Derek Milliken said:


> To the OP,
> If you're getting someone elses dogs, already trained, why not ask him what they can do/are trained for? Maybe even go watch a few training sessions?


i'm not getting a trained dog from some one, just curious what these two are ppd and sd and what rule they play in


----------



## kenneth roth (Jul 29, 2010)

what breeds are suited for PPd and SD?


----------



## Jehane Michael Le Grange (Feb 24, 2009)

In South Africa, our security dogs are regulated by the Private Security Industry Regulating Authority (PSIRA) and security dogs are very popula. The dogs work with a hanlder and there is basically 4 levels of proficiency when it comes to patrol work. It goes from a dog that has on lead obedience and will bark at a suspicious person and bite if the handler is attacked, right up to a dog that can be used for building and open area searches and apprehensions off lead. The highest level (DH4) is basically a police patrol dog in that it has to do distance control, off lead obedience, long apprehensions, building and area searches but without any tracking.

Due to the nature of crime here, security dogs are very very common and as such regulated by PSIRA unfortunately the training standards arent always as high as they should be. These dogs are also often used at events where crowd control is needed.
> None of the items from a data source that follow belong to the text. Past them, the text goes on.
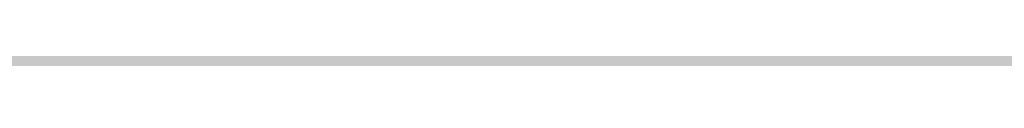
# Model space of a CAD drawing. Units: millimetres. Extents: x 0 to 2267, y 0 to 1823.
# Tile 97 of 256: x 1600.369 to 1605.705, y 1227.255 to 1227.263. Entities that reach past the tile are written whole.
import ezdxf

# ---------------------------------------------------------------- set-up
doc = ezdxf.new("R2010")
doc.units = ezdxf.units.MM
doc.header["$MEASUREMENT"] = 0
doc.layers.add('M-DIMS', color=2, linetype='Continuous', lineweight=25)
doc.layers.add('M-HATC', color=252, linetype='Continuous', lineweight=18)
doc.styles.get("Standard").update_dxf_attribs({"font": 'arial.ttf'})
doc.dimstyles.get("Standard").update_dxf_attribs({"dimtxt": 7, "dimasz": 4, "dimexe": 0.18, "dimexo": 0.0625, "dimgap": 0.09, "dimtad": 0, "dimdec": 0, "dimzin": 0, "dimdsep": 46, "dimtxsty": 'Standard', "dimcen": 0.09, "dimadec": 0, "dimazin": 0, "dimtfac": 1, "dimtdec": 0, "dimtofl": 0, "dimtmove": 0, "dimatfit": 3, "dimfxl": 1, "dimtolj": 1, "dimtzin": 0, "dimarcsym": 0})

# ---------------------------------------------------------------- blocks, each defined once
blk = doc.blocks.new('*D19')
at = {"layer": 'Defpoints', "color": 0, "transparency": 16777216}
for p in [(1605.3399, 1483.3044), (1445.5291, 1333.8851)]:
    blk.add_point(p, dxfattribs=at)
at = {"layer": 'M-DIMS', "color": 0, "lineweight": -2, "transparency": 16777216}
for p, q in [((1605.3399, 1483.2144), (1605.3399, 1483.3944)), ((1605.2499, 1483.3044), (1605.4299, 1483.3044)), ((1366.3244, 1259.8306), (1442.6072, 1331.1532))]:
    blk.add_line(p, q, dxfattribs=at)
at = {"layer": 'M-DIMS', "color": 0, "transparency": 16777216}
blk.add_solid([(1442.1519, 1331.6402), (1443.0625, 1330.6663), (1445.5291, 1333.8851)], dxfattribs=at)
at = {"layer": 'M-DIMS', "color": 0, "transparency": 16777216, "insert": (1349.6425, 1244.2335), "char_height": 7, "attachment_point": 5, "rotation": 43.0753}
blk.add_mtext('\\A1;2X R218.8', dxfattribs=at)

msp = doc.modelspace()

# ---------------------------------------------------------------- hatches: boundary and pattern name
at = {"layer": 'M-HATC'}
h = msp.add_hatch(color=256, dxfattribs=at)
h.dxf.hatch_style = 1
h.paths.add_polyline_path([(2055.771, 1603.062), (1381.0868, 1603.062), (1381.0868, 1598.062), (2055.771, 1598.062)])
h.paths.add_polyline_path([(2055.771, 1598.062), (1381.0868, 1598.062), (1381.0868, 1593.062), (2055.771, 1593.062)])
h.paths.add_polyline_path([(2051.3074, 1536.7609), (1385.5504, 1536.7609), (1385.5504, 1526.7609), (1387.5504, 1526.7609), (1388.5366, 1525.0528), (1385.3319, 1521.2335), (1385.3319, 1521.2226), (2050.2542, 1522.7491), (2048.3212, 1525.0528), (2049.3074, 1526.7609), (2051.3074, 1526.7609)])
edge = h.paths.add_edge_path()
edge.add_arc((1847.5345, 1379.1492), 135, 222.603061, 222.890851, ccw=False)
edge.add_line((1748.1663, 1287.7656), (1683.0921, 1287.7656))
edge.add_arc((1583.7239, 1379.1492), 135, 317.109149, 317.396939, ccw=False)
edge.add_arc((1678.9686, 1290.6707), 5, 222.8909, 317.1091, ccw=False)
edge.add_arc((1774.2133, 1379.1492), 135, 222.603061, 222.890851, ccw=False)
edge.add_line((1674.8451, 1287.7656), (1609.7709, 1287.7656))
edge.add_arc((1510.4027, 1379.1492), 135, 317.109149, 317.396939, ccw=False)
edge.add_arc((1605.6474, 1290.6707), 5, 222.8909, 317.1091, ccw=False)
edge.add_arc((1700.8921, 1379.1492), 135, 222.603061, 222.890851, ccw=False)
edge.add_line((1601.5239, 1287.7656), (1536.4497, 1287.7656))
edge.add_arc((1437.0815, 1379.1492), 135, 317.109149, 317.396939, ccw=False)
edge.add_arc((1532.3262, 1290.6707), 5, 222.8909, 317.1091, ccw=False)
edge.add_arc((1627.5709, 1379.1492), 135, 222.603061, 222.890851, ccw=False)
edge.add_line((1528.2027, 1287.7656), (1505.9289, 1287.7656))
edge.add_spline(control_points=[(1505.9289, 1287.7656), (1504.2622, 1287.7656), (1504.2622, 1282.7656), (1505.9289, 1282.7656)], knot_values=[0, 0, 0, 0, 5, 5, 5, 5], degree=3, periodic=0)
edge.add_line((1505.9289, 1282.7656), (1930.9289, 1282.7656))
edge.add_spline(control_points=[(1930.9289, 1282.7656), (1932.5956, 1282.7656), (1932.5956, 1287.7656), (1930.9289, 1287.7656)], knot_values=[0, 0, 0, 0, 5, 5, 5, 5], degree=3, periodic=0)
edge.add_line((1930.9289, 1287.7656), (1903.0557, 1287.7656))
edge.add_arc((1803.6875, 1379.1492), 135, 317.109149, 317.396939, ccw=False)
edge.add_arc((1898.9322, 1290.6707), 5, 222.8909, 317.1091, ccw=False)
edge.add_arc((1994.1769, 1379.1492), 135, 222.603061, 222.890851, ccw=False)
edge.add_line((1894.8087, 1287.7656), (1829.7345, 1287.7656))
edge.add_arc((1730.3663, 1379.1492), 135, 317.109149, 317.396939, ccw=False)
edge.add_arc((1825.611, 1290.6707), 5, 222.8909, 317.1091, ccw=False)
edge.add_arc((1920.8557, 1379.1492), 135, 222.603061, 222.890851, ccw=False)
edge.add_line((1821.4875, 1287.7656), (1756.4133, 1287.7656))
edge.add_arc((1657.0451, 1379.1492), 135, 317.109149, 317.396939, ccw=False)
edge.add_arc((1752.2898, 1290.6707), 5, 222.8909, 317.1091, ccw=False)
edge = h.paths.add_edge_path()
edge.add_spline(control_points=[(1843.4289, 1227.2475), (1845.0956, 1227.2475), (1845.0956, 1232.2475), (1843.4289, 1232.2475)], knot_values=[0, 0, 0, 0, 5, 5, 5, 5], degree=3, periodic=0)
edge.add_line((1843.4289, 1232.2475), (1593.4289, 1232.2475))
edge.add_spline(control_points=[(1593.4289, 1232.2475), (1591.7622, 1232.2475), (1591.7622, 1227.2475), (1593.4289, 1227.2475)], knot_values=[0, 0, 0, 0, 5, 5, 5, 5], degree=3, periodic=0)
edge.add_line((1593.4289, 1227.2475), (1843.4289, 1227.2475))
h.paths.add_polyline_path([(1905.9289, 1127.4171), (1530.9289, 1127.4171, 0.414214), (1520.9289, 1117.4171), (1530.9289, 1117.4171), (1915.9289, 1117.4171, 0.414214)])
edge = h.paths.add_edge_path()
edge.add_arc((1397.0858, 1498.4078), 12.7299, 90.78215, 190.87871, ccw=False)
edge.add_line((1396.912, 1511.1365), (1428.0097, 1511.3488))
edge.add_line((1428.0097, 1511.3488), (1433.0097, 1511.3488))
edge.add_line((1433.0097, 1511.3488), (1434.439, 1511.3488))
edge.add_arc((1419.474, 1498.0804), 20, 41.561, 74.08211)
edge.add_line((1424.9592, 1517.3135), (1399.9351, 1517.2561))
edge.add_spline(control_points=[(1399.9307, 1517.2561), (1399.884, 1517.2131), (1399.8328, 1517.1689), (1399.7774, 1517.1236)], knot_values=[11.567499, 11.567499, 11.567499, 11.567499, 11.814249, 11.814249, 11.814249, 11.814249], degree=3, periodic=0)
edge.add_spline(control_points=[(1399.6328, 1517.0099), (1399.5831, 1516.9721), (1399.5307, 1516.9338), (1399.4759, 1516.8947)], knot_values=[11.167718, 11.167718, 11.167718, 11.167718, 11.365188, 11.365188, 11.365188, 11.365188], degree=3, periodic=0)
edge.add_spline(control_points=[(1399.3398, 1516.8001), (1399.1514, 1516.6719), (1398.9384, 1516.5377), (1398.704, 1516.3994)], knot_values=[10.376405, 10.376405, 10.376405, 10.376405, 11.00994, 11.00994, 11.00994, 11.00994], degree=3, periodic=0)
edge.add_spline(control_points=[(1398.6572, 1516.3719), (1398.5789, 1516.326), (1398.4983, 1516.2797), (1398.4155, 1516.2331)], knot_values=[10.125175, 10.125175, 10.125175, 10.125175, 10.334406, 10.334406, 10.334406, 10.334406], degree=3, periodic=0)
edge.add_spline(control_points=[(1398.2642, 1516.1487), (1398.196, 1516.1111), (1398.1263, 1516.0732), (1398.0555, 1516.0351)], knot_values=[9.832246, 9.832246, 9.832246, 9.832246, 9.999658, 9.999658, 9.999658, 9.999658], degree=3, periodic=0)
edge.add_spline(control_points=[(1397.9987, 1516.0048), (1397.7312, 1515.8621), (1397.446, 1515.7171), (1397.1466, 1515.5714)], knot_values=[9.161808, 9.161808, 9.161808, 9.161808, 9.787769, 9.787769, 9.787769, 9.787769], degree=3, periodic=0)
edge.add_spline(control_points=[(1397.1466, 1515.5714), (1396.8418, 1515.423), (1396.5222, 1515.274), (1396.1914, 1515.1262)], knot_values=[8.524455, 8.524455, 8.524455, 8.524455, 9.161808, 9.161808, 9.161808, 9.161808], degree=3, periodic=0)
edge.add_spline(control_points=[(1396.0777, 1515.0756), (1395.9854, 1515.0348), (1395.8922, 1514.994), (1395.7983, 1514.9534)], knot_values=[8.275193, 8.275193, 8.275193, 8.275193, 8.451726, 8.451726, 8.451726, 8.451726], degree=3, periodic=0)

There is not real regulation here on Personal Protection dogs, however I have trained dogs for personal protection use when there handlers have requested it based on my own standards with in the law. basically personal protection dogs I train will bark at anyone approaching them while out on a walk (on lead) upon the handlers command, and then bite the person if he continues approaching and gets within a leads length. The handler is fully in control of this, obviously he has to instruct the person to stay back (if he feels threatened by the person), he can then command the dog to alert and hopefully deter the person without a bite, but if the person continues approaching, the dog will engage him on the arm and only release upon further command. I test this by setting a scenario and using a hidden sleeve without a presentation of the arm or any stimulation from the assailant. The dog must also be able to take pressure from the assailant as if it where an attack and this would be open to anything from stick blows to throwing water over the dog etc, etc. 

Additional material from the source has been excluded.